Subfloors & screeds - F Ball & Co

FASTER drying times and the speed at which they can be applied over large areas has seen the rise in popularity of calcium sulphate (or anhydrite) screed subfloors, especially in newbuilds. When installing new floorcoverings over such screeds, it’s essential to take the time to assess the condition of the subfloor and suitably prepare it, before choosing a compatible levelling compound.

Subfloor preparation

As with any screed, a moisture measurement test should always be conducted to determine whether the calcium sulphate screed subfloor is dry enough to install floorcoverings immediately. If the relative humidity of the subfloor is above 75%, contractors will need to allow further time for the screed to dry.

It’s also essential to remove any laitance (a crust of fine aggregates and cement formed on the surface of the screed as it dries), as failing to do so will increase the risk of floor failure once the levelling compound has been subsequently applied.

After ensuring the subfloor is suitably smooth, dry and free of contamination, the contractor can then proceed to prime the subfloor. Priming helps promote the adhesion of the levelling compound to the screed and prevents unacceptably fast drying, which can weaken the levelling compound. F Ball’s Stopgap P121 acrylic primer is specially formulated to promote the adhesion of Stopgap levelling compounds over calcium sulphate screeds.

Selecting the right levelling compound

Calcium sulphate-based levelling compounds, rather than cement-based ones, offer maximum compatibility with calcium sulphate screeds. This is because calcium sulphate-based levelling compounds will contract at a similar rate to the calcium sulphate screed underneath when drying, limiting the amount of stress at the bond interface and minimising the risk of floor failure.

Another reason F Ball recommends the use of a calcium sulphate-based levelling compound is that the application of cement-based levelling compounds onto a calcium sulphate screed can produce a chemical reaction resulting in the formation of ettringite. Ettringite is a crystalline material that can cause floor failure.

‘Stopgap 1100 Gypsum is F Ball’s calcium sulphate-based levelling compound designed especially for use over calcium sulphate screeds, such as anhydrite,’ says the company. ‘It can be applied at thicknesses between 2-10mm, has excellent self-levelling properties, and can be pump-applied up to 1,500sq m per day. Stopgap 1100 Gypsum is also low-odour and protein free, making it suitable for use in biologically sensitive areas, such as hospitals.’

Case study

F Ball products including Stopgap 1100 Gypsum were used to install floorcoverings in an upstairs function room in the newly-built clubhouse at CB Hounslow United Football Club in Middlesex.

Contractors from Middlesex Flooring used a rotary sanding machine to remove laitance from the newly-installed anhydrite screed subfloor to prepare the surface ahead of the application of the levelling compound. A moisture test was also carried out, and it was determined that the subfloor was dry enough to receive floorcoverings.

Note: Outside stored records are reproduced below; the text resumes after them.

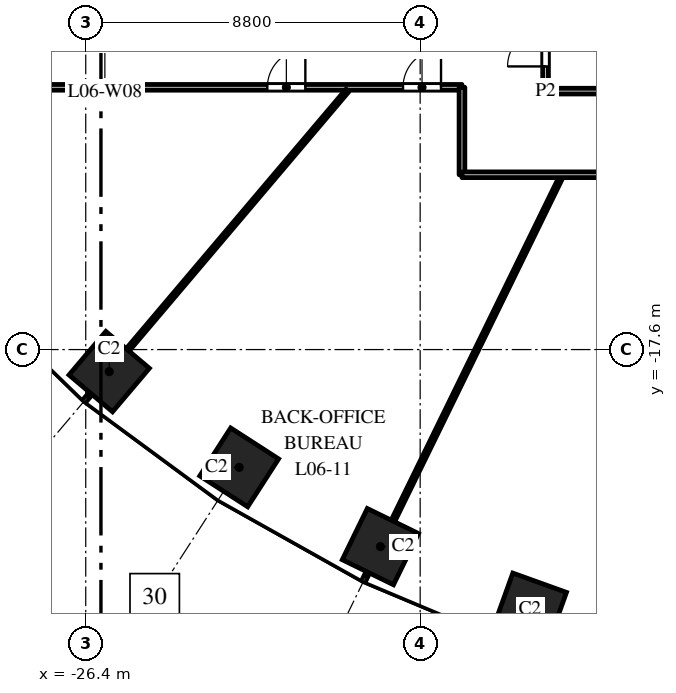
"""IFC4 building model, lengths in metres.
Left out: names, types, materials, properties, quantities, classifications, styles, units other than length and angle.
Written with IfcOpenShell. Run it as: python <this file> out.ifc"""

import sys

from ifc_helpers import new_model, si_unit, direction, frame, frame_2d, origin, origin_2d, place, context, subcontext, project, spatial, rectangle, extrude, element, fill, save


model = new_model("IFC4")
c1 = context("Model", 3, precision=1e-05, world=origin(), true_north=direction((0.0, 1.0)))
c2 = subcontext(c1, "Body", "Model", "MODEL_VIEW")
j1 = project(units=[si_unit("LENGTHUNIT", "METRE"), si_unit("PLANEANGLEUNIT", "RADIAN")], contexts=[c1])
p1 = place(None, origin())
s1 = spatial("IfcSite", under=j1, at=p1, CompositionType="ELEMENT")
p2 = place(p1, origin())
s2 = spatial("IfcBuilding", under=s1, at=p2, CompositionType="ELEMENT")
p3 = place(p2, frame((0.0, 0.0, 34.5)))
s3 = spatial("IfcBuildingStorey", under=s2, at=p3, CompositionType="ELEMENT", Elevation=34.5)
for number, where, z_axis, x_axis in (
    (1, (-25.783, -18.18, 0.0), (0.0, 0.0, 1.0), (0.763, -0.646, 0.0)),
    (2, (-22.362, -20.7, 0.0), (0.0, 0.0, 1.0), (0.84, -0.542, 0.0)),
    (3, (-18.646, -22.785, 0.0), (0.0, 0.0, 1.0), (0.898, -0.439, 0.0)),
    (4, (-14.709, -24.441, 0.0), (0.0, 0.0, 1.0), (0.941, -0.338, 0.0)),
):
    element("IfcColumn", number, at=place(p3, frame(where, z_axis=z_axis, x_axis=x_axis)), inside=s3, PredefinedType="COLUMN", context=c2, shape_type="SweptSolid", body=[
        extrude(rectangle(XDim=1.5, YDim=1.5, at=origin_2d()), origin(), (0.0, 0.0, 1.0), 4.0),
    ])
p4 = place(p3, frame((-31.5, -10.7, 0.0), z_axis=(0.0, 0.0, 1.0), x_axis=(1.0, 0.0, 0.0)))
e5 = element("IfcWall", 5, at=p4, inside=s3, PredefinedType="PARTITIONING", context=c2, shape_type="SweptSolid", body=[
    extrude(rectangle(XDim=15.0, YDim=0.15, at=frame_2d((7.5, 0.0))), origin(), (0.0, 0.0, 1.0), 3.1),
])
p5 = place(p4, frame((9.879, 0.0, 0.0)))
e6 = element("IfcOpeningElement", 6, at=p5, cuts=e5, PredefinedType="OPENING", context=c2, shape_type="SweptSolid", body=[
    extrude(rectangle(XDim=1.0, YDim=2.1, at=frame_2d((0.5, 1.05))), frame((0.0, 0.085, 0.0), z_axis=(0.0, -1.0, 0.0), x_axis=(1.0, 0.0, 0.0)), (0.0, 0.0, 1.0), 0.17),
])
p6 = place(p4, frame((13.449, 0.0, 0.0)))
e7 = element("IfcOpeningElement", 7, at=p6, cuts=e5, PredefinedType="OPENING", context=c2, shape_type="SweptSolid", body=[
    extrude(rectangle(XDim=1.0, YDim=2.1, at=frame_2d((0.5, 1.05))), frame((0.0, 0.085, 0.0), z_axis=(0.0, -1.0, 0.0), x_axis=(1.0, 0.0, 0.0)), (0.0, 0.0, 1.0), 0.17),
])
p7 = place(p3, frame((-26.43, -18.945, 0.0), z_axis=(0.0, 0.0, 1.0), x_axis=(0.646400187952, 0.762998556365, 0.0)))
e8 = element("IfcWall", 8, at=p7, inside=s3, PredefinedType="PARTITIONING", context=c2, shape_type="SweptSolid", body=[
    extrude(rectangle(XDim=10.704, YDim=0.1, at=frame_2d((5.352, 0.0))), origin(), (0.0, 0.0, 1.0), 3.7),
])
p8 = place(p3, frame((-19.086, -23.685, 0.0), z_axis=(0.0, 0.0, 1.0), x_axis=(0.439199750603, 0.898389436197, 0.0)))
e9 = element("IfcWall", 9, at=p8, inside=s3, PredefinedType="PARTITIONING", context=c2, shape_type="SweptSolid", body=[
    extrude(rectangle(XDim=11.81, YDim=0.1, at=frame_2d((5.905, 0.0))), origin(), (0.0, 0.0, 1.0), 3.7),
])
p9 = place(p3, frame((-16.5, -13.0, 0.0), z_axis=(0.0, 0.0, 1.0), x_axis=(0.0, 1.0, 0.0)))
e10 = element("IfcWall", 10, at=p9, inside=s3, PredefinedType="PARTITIONING", context=c2, shape_type="SweptSolid", body=[
    extrude(rectangle(XDim=2.3, YDim=0.15, at=frame_2d((1.15, 0.0))), origin(), (0.0, 0.0, 1.0), 2.75),
])
p10 = place(p3, frame((-16.5, -13.0, 0.0), z_axis=(0.0, 0.0, 1.0), x_axis=(1.0, 0.0, 0.0)))
e11 = element("IfcWall", 11, at=p10, inside=s3, PredefinedType="PARTITIONING", context=c2, shape_type="SweptSolid", body=[
    extrude(rectangle(XDim=9.001, YDim=0.15, at=frame_2d((4.5, 0.0))), origin(), (0.0, 0.0, 1.0), 2.85),
])
p11 = place(p10, frame((7.529, 0.0, 0.0)))
e12 = element("IfcOpeningElement", 12, at=p11, cuts=e11, PredefinedType="OPENING", context=c2, shape_type="SweptSolid", body=[
    extrude(rectangle(XDim=1.0, YDim=2.1, at=frame_2d((0.5, 1.05))), frame((0.0, 0.085, 0.0), z_axis=(0.0, -1.0, 0.0), x_axis=(1.0, 0.0, 0.0)), (0.0, 0.0, 1.0), 0.17),
])
p12 = place(p3, frame((-14.3, -10.8, 0.0), z_axis=(0.0, 0.0, 1.0), x_axis=(0.0, 1.0, 0.0)))
e13 = element("IfcWall", 13, at=p12, inside=s3, PredefinedType="PARTITIONING", context=c2, shape_type="SweptSolid", body=[
    extrude(rectangle(XDim=21.6, YDim=0.15, at=frame_2d((10.8, 0.0))), origin(), (0.0, 0.0, 1.0), 2.75),
])
p13 = place(p12, frame((0.65, 0.0, 0.0)))
e14 = element("IfcOpeningElement", 14, at=p13, cuts=e13, PredefinedType="OPENING", context=c2, shape_type="SweptSolid", body=[
    extrude(rectangle(XDim=1.0, YDim=2.1, at=frame_2d((0.5, 1.05))), frame((0.0, 0.085, 0.0), z_axis=(0.0, -1.0, 0.0), x_axis=(1.0, 0.0, 0.0)), (0.0, 0.0, 1.0), 0.17),
])
p14 = place(p3, frame((-14.3, -10.8, 0.0), z_axis=(0.0, 0.0, 1.0), x_axis=(1.0, 0.0, 0.0)))
e15 = element("IfcWall", 15, at=p14, inside=s3, PredefinedType="PARTITIONING", context=c2, shape_type="SweptSolid", body=[
    extrude(rectangle(XDim=28.6, YDim=0.15, at=frame_2d((14.3, 0.0))), origin(), (0.0, 0.0, 1.0), 2.85),
])
p15 = place(p14, frame((10.627, 0.0, 0.0)))
e16 = element("IfcOpeningElement", 16, at=p15, cuts=e15, PredefinedType="OPENING", context=c2, shape_type="SweptSolid", body=[
    extrude(rectangle(XDim=1.0, YDim=2.1, at=frame_2d((0.5, 1.05))), frame((0.0, 0.085, 0.0), z_axis=(0.0, -1.0, 0.0), x_axis=(1.0, 0.0, 0.0)), (0.0, 0.0, 1.0), 0.17),
])
p16 = place(p14, frame((15.393, 0.0, 0.0)))
e17 = element("IfcOpeningElement", 17, at=p16, cuts=e15, PredefinedType="OPENING", context=c2, shape_type="SweptSolid", body=[
    extrude(rectangle(XDim=1.0, YDim=2.1, at=frame_2d((0.5, 1.05))), frame((0.0, 0.085, 0.0), z_axis=(0.0, -1.0, 0.0), x_axis=(1.0, 0.0, 0.0)), (0.0, 0.0, 1.0), 0.17),
])
p17 = place(p13, origin())
e18 = element("IfcDoor", 18, at=p17, inside=s3, OperationType="SINGLE_SWING_LEFT", PredefinedType="DOOR", context=c2, shape_type="SweptSolid", body=[
    extrude(rectangle(XDim=1.0, YDim=2.1, at=frame_2d((0.5, 1.05))), frame((0.0, 0.025, 0.0), z_axis=(0.0, -1.0, 0.0), x_axis=(1.0, 0.0, 0.0)), (0.0, 0.0, 1.0), 0.05),
])
fill(e14, e18)
p18 = place(p5, origin())
e19 = element("IfcDoor", 19, at=p18, inside=s3, OperationType="SINGLE_SWING_RIGHT", PredefinedType="DOOR", context=c2, shape_type="SweptSolid", body=[
    extrude(rectangle(XDim=1.0, YDim=2.1, at=frame_2d((0.5, 1.05))), frame((0.0, 0.025, 0.0), z_axis=(0.0, -1.0, 0.0), x_axis=(1.0, 0.0, 0.0)), (0.0, 0.0, 1.0), 0.05),
])
fill(e6, e19)
p19 = place(p6, origin())
e20 = element("IfcDoor", 20, at=p19, inside=s3, OperationType="SINGLE_SWING_RIGHT", PredefinedType="DOOR", context=c2, shape_type="SweptSolid", body=[
    extrude(rectangle(XDim=1.0, YDim=2.1, at=frame_2d((0.5, 1.05))), frame((0.0, 0.025, 0.0), z_axis=(0.0, -1.0, 0.0), x_axis=(1.0, 0.0, 0.0)), (0.0, 0.0, 1.0), 0.05),
])
fill(e7, e20)
save(model, sys.argv[1])

‘Stopgap 1100 Gypsum was then applied to create a smooth surface ahead of the installation of the floorcoverings. As a self-levelling compound, the compound was poured onto the prepared substrate, once mixed, and allowed to flow and achieve a thickness of 3mm. The compound was ready to receive floorcoverings 24 hours later,’ says the company.

Craig Gargan, of Middlesex Floors, said: ‘We received great support from F Ball throughout the job, including with the site survey and moisture testing. As usual, using their products meant that it was straightforward and there were no problems.’